On the concern about diversity, I wonder whether the noble and learned Lord is in a position to say—if not, perhaps he could subsequently advise me—what is the present composition of tribunal membership and chairs of the tribunals in terms of gender and ethnicity. Clearly there is an implicit aspiration at paragraph 12.2 of the Explanatory Memorandum to promote diversity. I would be interested to know what the starting point is. Although the question of developing a baseline against which progress can be measured is apparently still incorrect, it would be helpful to see where we are starting from, if not today by a note to those Members present.

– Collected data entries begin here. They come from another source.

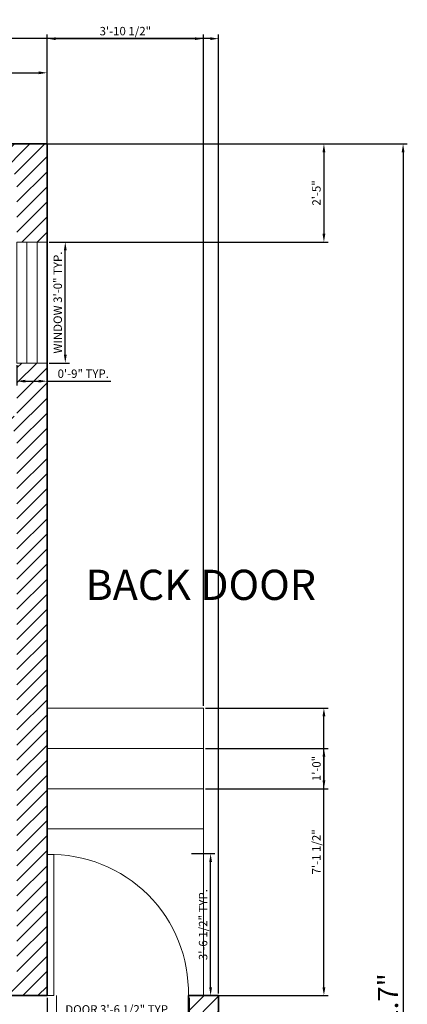
# Model space of a CAD drawing. Units: inches. Extents: x 4740 to 5323, y 7115 to 7713.
# Tile 6 of 6: x 5208 to 5323, y 7420 to 7713. Entities that reach past the tile are written whole.
import ezdxf

# ---------------------------------------------------------------- set-up
doc = ezdxf.new("R2010")
doc.units = ezdxf.units.IN
for name, color, linetype, lineweight in [('A-ANNO-DIMS', 2, 'Continuous', 18), ('A-ANNO-TEXT', 7, 'Continuous', 25), ('A-DOOR', 4, 'Continuous', 18), ('A-FLOR-STRS', 7, 'Continuous', 18), ('A-GLAZ', 242, 'Continuous', 18), ('A-WALL', 7, 'Continuous', 35)]:
    doc.layers.add(name, color=color, linetype=linetype, lineweight=lineweight)
doc.layers.add('A-WALL-PATT', color=152, linetype='Continuous', lineweight=13, true_color=0x2776bb)
doc.styles.get("Standard").update_dxf_attribs({"font": 'arial.ttf'})
doc.dimstyles.new('ISO-25', dxfattribs={"dimtxt": 2.5, "dimasz": 2.5, "dimexe": 1.25, "dimexo": 0.625, "dimtad": 1, "dimlunit": 3, "dimtxsty": 'Standard', "dimcen": 2.5, "dimadec": 0, "dimazin": 0, "dimtfac": 1, "dimtmove": 0, "dimatfit": 3, "dimfxl": 1, "dimarcsym": 0})

# ---------------------------------------------------------------- blocks, each defined once
blk = doc.blocks.new('*D35')
at = {"layer": 'A-ANNO-DIMS', "color": 0, "lineweight": -2, "transparency": 16777216}
for p, q in [((4776.46, 7632.98), (4776.46, 7698.25)), ((5215.96, 7629.25), (5215.96, 7698.25)), ((4778.96, 7697), (5213.46, 7697))]:
    blk.add_line(p, q, dxfattribs=at)
at = {"layer": 'A-ANNO-DIMS', "color": 0, "transparency": 16777216}
for points in [[(4778.96, 7697.42), (4778.96, 7696.58), (4776.46, 7697)], [(5213.46, 7697.42), (5213.46, 7696.58), (5215.96, 7697)]]:
    blk.add_solid(points, dxfattribs=at)
at = {"layer": 'Defpoints', "color": 0, "transparency": 16777216}
for p in [(5215.96, 7697), (4776.46, 7632.36), (5215.96, 7628.62)]:
    blk.add_point(p, dxfattribs=at)
at = {"layer": 'A-ANNO-DIMS', "color": 0, "transparency": 16777216, "insert": (4996.21, 7700.69), "char_height": 6, "attachment_point": 5}
blk.add_mtext('36\'-7.5"', dxfattribs=at)
blk = doc.blocks.new('*D36')
at = {"layer": 'A-ANNO-DIMS', "color": 0, "lineweight": -2, "transparency": 16777216}
for p, q in [((5078.58, 7675.86), (5323.05, 7675.86)), ((5321.8, 7673.36), (5321.8, 7150.66)), ((5077.56, 7148.16), (5323.05, 7148.16))]:
    blk.add_line(p, q, dxfattribs=at)
at = {"layer": 'A-ANNO-DIMS', "color": 0, "transparency": 16777216}
for points in [[(5321.38, 7673.36), (5322.22, 7673.36), (5321.8, 7675.86)], [(5321.38, 7150.66), (5322.22, 7150.66), (5321.8, 7148.16)]]:
    blk.add_solid(points, dxfattribs=at)
at = {"layer": 'Defpoints', "color": 0, "transparency": 16777216}
for p in [(5077.96, 7675.86), (5076.93, 7148.16), (5321.8, 7148.16)]:
    blk.add_point(p, dxfattribs=at)
at = {"layer": 'A-ANNO-DIMS', "color": 0, "transparency": 16777216, "insert": (5318.11, 7412.01), "char_height": 6, "attachment_point": 5, "rotation": 90}
blk.add_mtext('43\'-11.7"', dxfattribs=at)
blk = doc.blocks.new('WIN-36IN')
for p, q in [((0, 36), (9, 36)), ((0, 36), (0, 0)), ((3, 36), (3, 0)), ((6, 36), (6, 0)), ((9, 0), (9, 36)), ((0, 0), (9, 0))]:
    blk.add_line(p, q)
blk = doc.blocks.new('DOOR-SWING-42IN')
for p, q in [((0, 0), (0, 42)), ((0, 42), (2, 42)), ((2, 42), (2, 0)), ((2, 0), (0, 0))]:
    blk.add_line(p, q)
blk.add_arc((1, 1), 41.01, 358.6028, 91.3972)
blk = doc.blocks.new('*D46')
at = {"layer": 'A-ANNO-DIMS', "color": 0, "lineweight": -2, "transparency": 16777216}
for p, q in [((5216.58, 7646.62), (5222.61, 7646.62)), ((5221.36, 7613.12), (5221.36, 7644.12)), ((5216.58, 7610.62), (5222.61, 7610.62))]:
    blk.add_line(p, q, dxfattribs=at)
at = {"layer": 'A-ANNO-DIMS', "color": 0, "transparency": 16777216}
for points in [[(5220.94, 7644.12), (5221.78, 7644.12), (5221.36, 7646.62)], [(5220.94, 7613.12), (5221.78, 7613.12), (5221.36, 7610.62)]]:
    blk.add_solid(points, dxfattribs=at)
at = {"layer": 'Defpoints', "color": 0, "transparency": 16777216}
for p in [(5215.96, 7646.62), (5221.36, 7646.62), (5215.96, 7610.62)]:
    blk.add_point(p, dxfattribs=at)
at = {"layer": 'A-ANNO-DIMS', "color": 0, "transparency": 16777216, "insert": (5219.44, 7628.62), "char_height": 2.5, "attachment_point": 5, "rotation": 90}
blk.add_mtext('WINDOW 3\'-0" TYP.', dxfattribs=at)
blk = doc.blocks.new('*D47')
at = {"layer": 'A-ANNO-DIMS', "color": 0, "lineweight": -2, "transparency": 16777216}
for p, q in [((5206.96, 7610), (5206.96, 7603.97)), ((5215.96, 7610), (5215.96, 7603.97)), ((5209.46, 7605.22), (5213.46, 7605.22)), ((5215.96, 7605.22), (5234.95, 7605.22))]:
    blk.add_line(p, q, dxfattribs=at)
at = {"layer": 'A-ANNO-DIMS', "color": 0, "transparency": 16777216}
for points in [[(5209.46, 7605.64), (5209.46, 7604.81), (5206.96, 7605.22)], [(5213.46, 7605.64), (5213.46, 7604.81), (5215.96, 7605.22)]]:
    blk.add_solid(points, dxfattribs=at)
at = {"layer": 'Defpoints', "color": 0, "transparency": 16777216}
for p in [(5206.96, 7610.62), (5215.96, 7610.62), (5215.96, 7605.22)]:
    blk.add_point(p, dxfattribs=at)
at = {"layer": 'A-ANNO-DIMS', "color": 0, "transparency": 16777216, "insert": (5226.7, 7607.13), "char_height": 2.5, "attachment_point": 5}
blk.add_mtext('0\'-9" TYP.', dxfattribs=at)
blk = doc.blocks.new('*D58')
at = {"layer": 'A-ANNO-DIMS', "color": 0, "lineweight": -2, "transparency": 16777216}
for p, q in [((5215.96, 7421.73), (5215.96, 7414.77)), ((5258.23, 7421.73), (5258.23, 7414.77)), ((5218.46, 7416.02), (5255.73, 7416.02))]:
    blk.add_line(p, q, dxfattribs=at)
at = {"layer": 'A-ANNO-DIMS', "color": 0, "transparency": 16777216}
for points in [[(5218.46, 7416.43), (5218.46, 7415.6), (5215.96, 7416.02)], [(5255.73, 7416.43), (5255.73, 7415.6), (5258.23, 7416.02)]]:
    blk.add_solid(points, dxfattribs=at)
at = {"layer": 'Defpoints', "color": 0, "transparency": 16777216}
for p in [(5215.96, 7422.36), (5258.23, 7422.36), (5258.23, 7416.02)]:
    blk.add_point(p, dxfattribs=at)
at = {"layer": 'A-ANNO-DIMS', "color": 0, "transparency": 16777216, "insert": (5237.1, 7417.94), "char_height": 2.5, "attachment_point": 5}
blk.add_mtext('DOOR 3\'-6 1/2" TYP.', dxfattribs=at)
blk = doc.blocks.new('*D59')
at = {"layer": 'A-ANNO-DIMS', "color": 0, "lineweight": -2, "transparency": 16777216}
for p, q in [((5258.86, 7464.63), (5265.82, 7464.63)), ((5264.57, 7424.86), (5264.57, 7462.13)), ((5258.86, 7422.36), (5265.82, 7422.36))]:
    blk.add_line(p, q, dxfattribs=at)
at = {"layer": 'A-ANNO-DIMS', "color": 0, "transparency": 16777216}
for points in [[(5264.16, 7462.13), (5264.99, 7462.13), (5264.57, 7464.63)], [(5264.16, 7424.86), (5264.99, 7424.86), (5264.57, 7422.36)]]:
    blk.add_solid(points, dxfattribs=at)
at = {"layer": 'Defpoints', "color": 0, "transparency": 16777216}
for p in [(5258.23, 7464.63), (5264.57, 7464.63), (5258.23, 7422.36)]:
    blk.add_point(p, dxfattribs=at)
at = {"layer": 'A-ANNO-DIMS', "color": 0, "transparency": 16777216, "insert": (5262.66, 7443.49), "char_height": 2.5, "attachment_point": 5, "rotation": 90}
blk.add_mtext('3\'-6 1/2" TYP.', dxfattribs=at)
blk = doc.blocks.new('*D75')
at = {"layer": 'A-ANNO-DIMS', "color": 0, "lineweight": -2, "transparency": 16777216}
for p, q in [((5216.58, 7675.86), (5299.51, 7675.86)), ((5298.26, 7673.36), (5298.26, 7649.12)), ((5216.58, 7646.62), (5299.51, 7646.62))]:
    blk.add_line(p, q, dxfattribs=at)
at = {"layer": 'A-ANNO-DIMS', "color": 0, "transparency": 16777216}
for points in [[(5297.84, 7673.36), (5298.68, 7673.36), (5298.26, 7675.86)], [(5297.84, 7649.12), (5298.68, 7649.12), (5298.26, 7646.62)]]:
    blk.add_solid(points, dxfattribs=at)
at = {"layer": 'Defpoints', "color": 0, "transparency": 16777216}
for p in [(5215.96, 7675.86), (5215.96, 7646.62), (5298.26, 7646.62)]:
    blk.add_point(p, dxfattribs=at)
at = {"layer": 'A-ANNO-DIMS', "color": 0, "transparency": 16777216, "insert": (5296.36, 7661.24), "char_height": 2.5, "attachment_point": 5, "rotation": 90}
blk.add_mtext('2\'-5"', dxfattribs=at)
blk = doc.blocks.new('*D81')
at = {"layer": 'A-ANNO-DIMS', "color": 0, "lineweight": -2, "transparency": 16777216}
for p, q in [((4776.46, 7632.98), (4776.46, 7708.41)), ((5264.46, 7707.16), (4778.96, 7707.16)), ((5266.96, 7422.98), (5266.96, 7708.41))]:
    blk.add_line(p, q, dxfattribs=at)
at = {"layer": 'A-ANNO-DIMS', "color": 0, "transparency": 16777216}
for points in [[(4778.96, 7707.57), (4778.96, 7706.74), (4776.46, 7707.16)], [(5264.46, 7707.57), (5264.46, 7706.74), (5266.96, 7707.16)]]:
    blk.add_solid(points, dxfattribs=at)
at = {"layer": 'Defpoints', "color": 0, "transparency": 16777216}
for p in [(4776.46, 7707.16), (4776.46, 7632.36), (5266.96, 7422.36)]:
    blk.add_point(p, dxfattribs=at)
at = {"layer": 'A-ANNO-DIMS', "color": 0, "transparency": 16777216, "insert": (5021.71, 7709.07), "char_height": 2.5, "attachment_point": 5}
blk.add_mtext('40\'-10 1/2"', dxfattribs=at)
blk = doc.blocks.new('*D83')
at = {"layer": 'A-ANNO-DIMS', "color": 0, "lineweight": -2, "transparency": 16777216}
for p, q in [((5215.96, 7508.58), (5215.96, 7708.41)), ((5218.46, 7707.16), (5259.96, 7707.16)), ((5262.46, 7508.58), (5262.46, 7708.41))]:
    blk.add_line(p, q, dxfattribs=at)
at = {"layer": 'A-ANNO-DIMS', "color": 0, "transparency": 16777216}
for points in [[(5218.46, 7707.57), (5218.46, 7706.74), (5215.96, 7707.16)], [(5259.96, 7707.57), (5259.96, 7706.74), (5262.46, 7707.16)]]:
    blk.add_solid(points, dxfattribs=at)
at = {"layer": 'Defpoints', "color": 0, "transparency": 16777216}
for p in [(5262.46, 7707.16), (5215.96, 7507.95), (5262.46, 7507.95)]:
    blk.add_point(p, dxfattribs=at)
at = {"layer": 'A-ANNO-DIMS', "color": 0, "transparency": 16777216, "insert": (5239.21, 7709.08), "char_height": 2.5, "attachment_point": 5}
blk.add_mtext('3\'-10 1/2"', dxfattribs=at)
blk = doc.blocks.new('*D84')
at = {"layer": 'A-ANNO-DIMS', "color": 0, "lineweight": -2, "transparency": 16777216}
for p, q in [((5263.08, 7507.95), (5299.51, 7507.95)), ((5298.26, 7424.86), (5298.26, 7505.45)), ((5263.08, 7422.36), (5299.51, 7422.36))]:
    blk.add_line(p, q, dxfattribs=at)
at = {"layer": 'A-ANNO-DIMS', "color": 0, "transparency": 16777216}
for points in [[(5297.84, 7505.45), (5298.68, 7505.45), (5298.26, 7507.95)], [(5297.84, 7424.86), (5298.68, 7424.86), (5298.26, 7422.36)]]:
    blk.add_solid(points, dxfattribs=at)
at = {"layer": 'Defpoints', "color": 0, "transparency": 16777216}
for p in [(5262.46, 7507.95), (5298.26, 7507.95), (5262.46, 7422.36)]:
    blk.add_point(p, dxfattribs=at)
at = {"layer": 'A-ANNO-DIMS', "color": 0, "transparency": 16777216, "insert": (5296.34, 7465.15), "char_height": 2.5, "attachment_point": 5, "rotation": 90}
blk.add_mtext('7\'-1 1/2"', dxfattribs=at)
blk = doc.blocks.new('*D85')
at = {"layer": 'A-ANNO-DIMS', "color": 0, "lineweight": -2, "transparency": 16777216}
for p, q in [((5263.08, 7495.95), (5299.51, 7495.95)), ((5298.26, 7493.45), (5298.26, 7486.45)), ((5263.08, 7483.95), (5299.51, 7483.95))]:
    blk.add_line(p, q, dxfattribs=at)
at = {"layer": 'A-ANNO-DIMS', "color": 0, "transparency": 16777216}
for points in [[(5297.84, 7493.45), (5298.68, 7493.45), (5298.26, 7495.95)], [(5297.84, 7486.45), (5298.68, 7486.45), (5298.26, 7483.95)]]:
    blk.add_solid(points, dxfattribs=at)
at = {"layer": 'Defpoints', "color": 0, "transparency": 16777216}
for p in [(5262.46, 7495.95), (5262.46, 7483.95), (5298.26, 7483.95)]:
    blk.add_point(p, dxfattribs=at)
at = {"layer": 'A-ANNO-DIMS', "color": 0, "transparency": 16777216, "insert": (5296.36, 7489.95), "char_height": 2.5, "attachment_point": 5, "rotation": 90}
blk.add_mtext('1\'-0"', dxfattribs=at)

msp = doc.modelspace()

# ---------------------------------------------------------------- hatches: boundary and pattern name
at = {"layer": 'A-WALL-PATT'}
h = msp.add_hatch(dxfattribs=at)
h.set_pattern_fill('ANSI31', color=256)
h.paths.add_polyline_path([(4925.343, 7632.357), (4776.459, 7632.357), (4776.459, 7486.448), (4785.459, 7486.448), (4785.459, 7522.857), (4959.459, 7522.857), (4959.459, 7527.357), (4785.459, 7527.357), (4785.459, 7623.357), (4833.459, 7623.357), (4925.343, 7623.357)])
h.paths.add_polyline_path([(5010.258, 7599.357), (5004.258, 7599.357), (4986.459, 7599.357), (4986.459, 7623.357), (4986.459, 7632.357), (4977.459, 7632.357), (4949.343, 7632.357), (4949.343, 7623.357), (4977.459, 7623.357), (4977.459, 7599.357), (4977.459, 7594.857), (4977.459, 7590.357), (4977.459, 7524.857, -0.0293864), (4977.459, 7522.857), (4977.459, 7426.857), (4977.459, 7422.357), (4977.459, 7419.778), (4981.959, 7419.778), (4981.959, 7422.357), (5041.959, 7422.357), (5041.959, 7479.357), (5037.459, 7479.357), (5037.459, 7426.857), (4981.959, 7426.857), (4981.959, 7590.357), (5010.258, 7590.357)])
h.paths.add_polyline_path([(5086.959, 7666.857), (5206.959, 7666.857), (5206.959, 7646.624), (5215.959, 7646.624), (5215.959, 7675.857), (5077.959, 7675.857), (5077.959, 7599.357), (5046.258, 7599.357), (5046.258, 7590.357), (5082.459, 7590.357), (5082.459, 7474.857, -0.0106371), (5084.459, 7474.857), (5086.959, 7474.857)])
h.paths.add_polyline_path([(5215.959, 7610.624), (5206.959, 7610.624), (5206.959, 7594.857), (5104.959, 7594.857), (5104.959, 7592.357, -0.0293864), (5104.959, 7590.357), (5206.959, 7590.357), (5206.959, 7426.857), (5104.959, 7426.857), (5082.459, 7426.857), (5082.459, 7422.357), (5104.959, 7422.357), (5215.959, 7422.357), (5215.959, 7464.357), (5215.959, 7506.357)])
h.paths.add_polyline_path([(4881.459, 7375.857), (4977.459, 7375.857), (4977.459, 7296.657), (4981.959, 7296.657), (4981.959, 7384.857), (4951.959, 7384.857), (4785.459, 7384.857), (4785.459, 7438.448), (4776.459, 7438.448), (4776.459, 7375.857), (4872.459, 7375.857), (4872.459, 7337.044), (4881.459, 7337.044)])
h.paths.add_polyline_path([(4881.459, 7313.044), (4872.459, 7313.044), (4872.459, 7148.157), (4916.568, 7148.157), (4916.568, 7157.157), (4881.459, 7157.157), (4881.459, 7269.357), (4981.959, 7269.357), (4981.959, 7273.857), (4963.959, 7273.857), (4881.459, 7273.857)])
h.paths.add_polyline_path([(5029.959, 7296.657), (5116.509, 7296.657), (5116.509, 7299.157, -0.0121933), (5116.509, 7301.157), (5025.459, 7301.157), (5025.459, 7157.157), (4964.568, 7157.157), (4964.568, 7148.157), (5076.933, 7148.157), (5076.933, 7157.157), (5029.959, 7157.157)])
h.paths.add_polyline_path([(5182.959, 7203.442), (5173.959, 7203.442), (5173.959, 7157.157), (5124.933, 7157.157), (5124.933, 7148.157), (5182.959, 7148.157)])
h.paths.add_polyline_path([(5266.959, 7353.764), (5257.959, 7353.764), (5257.959, 7301.157), (5182.959, 7301.157), (5158.509, 7301.157), (5158.509, 7296.657), (5173.959, 7296.657), (5173.959, 7263.442), (5182.959, 7263.442), (5182.959, 7292.157), (5266.959, 7292.157)])
h.paths.add_polyline_path([(5266.959, 7422.357), (5257.959, 7422.357), (5257.959, 7377.764), (5266.959, 7377.764)])

# ---------------------------------------------------------------- linework, layer by layer
at = {"layer": 'A-FLOR-STRS'}
for p, q in [((5262.459, 7507.951), (5215.959, 7507.951)), ((5262.459, 7422.357), (5262.459, 7507.951)), ((5262.459, 7495.951), (5215.959, 7495.951)), ((5262.459, 7483.951), (5215.959, 7483.951)), ((5262.459, 7471.951), (5215.959, 7471.951)), ((5218.734, 7301.157), (5218.734, 7422.357))]:
    msp.add_line(p, q, dxfattribs=at)
at = {"layer": 'A-WALL'}
for p, q in [((5077.959, 7675.857), (5215.959, 7675.857)), ((5215.959, 7675.857), (5215.959, 7422.357)), ((5215.959, 7464.357), (5215.959, 7506.357)), ((5215.959, 7422.357), (5215.959, 7464.357)), ((5104.959, 7422.357), (5215.959, 7422.357)), ((5257.959, 7422.357), (5257.959, 7301.157)), ((5257.959, 7422.357), (5266.959, 7422.357)), ((5266.959, 7422.357), (5266.959, 7292.157))]:
    msp.add_line(p, q, dxfattribs=at)

# ---------------------------------------------------------------- block references
at = {"layer": 'A-DOOR'}
msp.add_blockref('DOOR-SWING-42IN', (5215.959, 7422.357), dxfattribs=at)
at = {"layer": 'A-GLAZ'}
msp.add_blockref('WIN-36IN', (5206.959, 7610.624), dxfattribs=at)

# ---------------------------------------------------------------- texts
at = {"layer": 'A-ANNO-TEXT', "insert": (5227.4, 7549.107), "char_height": 9, "attachment_point": 1}
msp.add_mtext_dynamic_manual_height_columns('\\pxt8;{BACK DOOR}', width=75.84022, gutter_width=12.5, heights=[0], dxfattribs=at)

# ---------------------------------------------------------------- dimensions: what is measured, and where the dimension line sits
at = {"layer": 'A-ANNO-DIMS'}
for base, p1, p2, override, picture, middle in [((4776.459, 7707.157), (5266.959, 7422.357), (4776.459, 7632.357), {"dimdec": 1, "dimlfac": 1, "dimrnd": 0, "dimzin": 1, "dimdsep": 46, "dimlunit": 4, "dimfrac": 2}, '*D81', (5021.709, 7709.074)), ((5262.459, 7707.157), (5215.959, 7507.951), (5262.459, 7507.951), {"dimdec": 1, "dimlfac": 1, "dimrnd": 0, "dimzin": 1, "dimdsep": 46, "dimlunit": 4, "dimfrac": 2}, '*D83', (5239.209, 7709.075)), ((5215.959, 7697.001), (4776.459, 7632.357), (5215.959, 7628.624), {"dimtxt": 6, "dimclrd": 0, "dimclre": 0, "dimclrt": 0}, '*D35', (4996.209, 7700.692))]:
    dim = msp.add_linear_dim(base=base, p1=p1, p2=p2, dimstyle='ISO-25', override=override, dxfattribs=at)
    dim.commit()
    dim.dimension.update_dxf_attribs({"geometry": picture, "text_midpoint": middle})
for base, p1, p2, override, picture, middle in [((5321.801, 7148.157), (5077.959, 7675.857), (5076.933, 7148.157), {"dimtxt": 6, "dimclrd": 0, "dimclre": 0, "dimclrt": 0}, '*D36', (5318.111, 7412.007)), ((5298.259, 7646.624), (5215.959, 7675.857), (5215.959, 7646.624), {"dimdec": 1, "dimlfac": 1, "dimrnd": 0, "dimzin": 1, "dimdsep": 46, "dimlunit": 4, "dimfrac": 2}, '*D75', (5296.358, 7661.24)), ((5298.259, 7507.951), (5262.459, 7422.357), (5262.459, 7507.951), {"dimdec": 1, "dimlfac": 1, "dimrnd": 0, "dimzin": 1, "dimdsep": 46, "dimlunit": 4, "dimfrac": 2}, '*D84', (5296.342, 7465.154)), ((5298.259, 7483.951), (5262.459, 7495.951), (5262.459, 7483.951), {"dimdec": 1, "dimlfac": 1, "dimrnd": 0, "dimzin": 1, "dimdsep": 46, "dimlunit": 4, "dimfrac": 2}, '*D85', (5296.358, 7489.951))]:
    dim = msp.add_linear_dim(base=base, p1=p1, p2=p2, angle=90, dimstyle='ISO-25', override=override, dxfattribs=at)
    dim.commit()
    dim.dimension.update_dxf_attribs({"geometry": picture, "text_midpoint": middle})
for base, p1, p2, text, picture, middle in [((5221.359, 7646.624), (5215.959, 7610.624), (5215.959, 7646.624), 'WINDOW <> TYP.', '*D46', (5219.44, 7628.624)), ((5264.574, 7464.63), (5258.233, 7422.357), (5258.233, 7464.63), '<> TYP.', '*D59', (5262.655, 7443.494))]:
    dim = msp.add_linear_dim(base=base, p1=p1, p2=p2, angle=90, text=text, dimstyle='ISO-25', override={"dimdec": 1, "dimlfac": 1, "dimrnd": 0, "dimzin": 1, "dimdsep": 46, "dimlunit": 4, "dimfrac": 2}, dxfattribs=at)
    dim.commit()
    dim.dimension.update_dxf_attribs({"geometry": picture, "text_midpoint": middle})
for base, p1, p2, text, picture, middle in [((5215.959, 7605.224), (5206.959, 7610.624), (5215.959, 7610.624), '<> TYP.', '*D47', (5226.704, 7607.125)), ((5258.233, 7416.016), (5215.959, 7422.357), (5258.233, 7422.357), 'DOOR <> TYP.', '*D58', (5237.096, 7417.935))]:
    dim = msp.add_linear_dim(base=base, p1=p1, p2=p2, text=text, dimstyle='ISO-25', override={"dimdec": 1, "dimlfac": 1, "dimrnd": 0, "dimzin": 1, "dimdsep": 46, "dimlunit": 4, "dimfrac": 2}, dxfattribs=at)
    dim.commit()
    dim.dimension.update_dxf_attribs({"geometry": picture, "text_midpoint": middle})

doc.saveas('drawing.dxf')

This is clearly a welcome step forward. One hopes that it will work well and in particular that the diversity issue will be addressed properly and in a timely way. I join other noble Lords in welcoming the regulations and trust that their impact will be beneficial.
I am obliged to noble Lords and to the noble Baroness for their contributions. I begin with the point raised by the noble Lord, Lord Thomas of Gresford. I entirely agree with his observations about the importance of maintaining the independence of the judiciary and, equally, of defending the judiciary from inappropriate attack. There is an important distinction to be made between what can be regarded as justified criticism and what is tantamount to abuse. We have to underline that distinction if we are properly to defend the judiciary. Of that there can be no doubt.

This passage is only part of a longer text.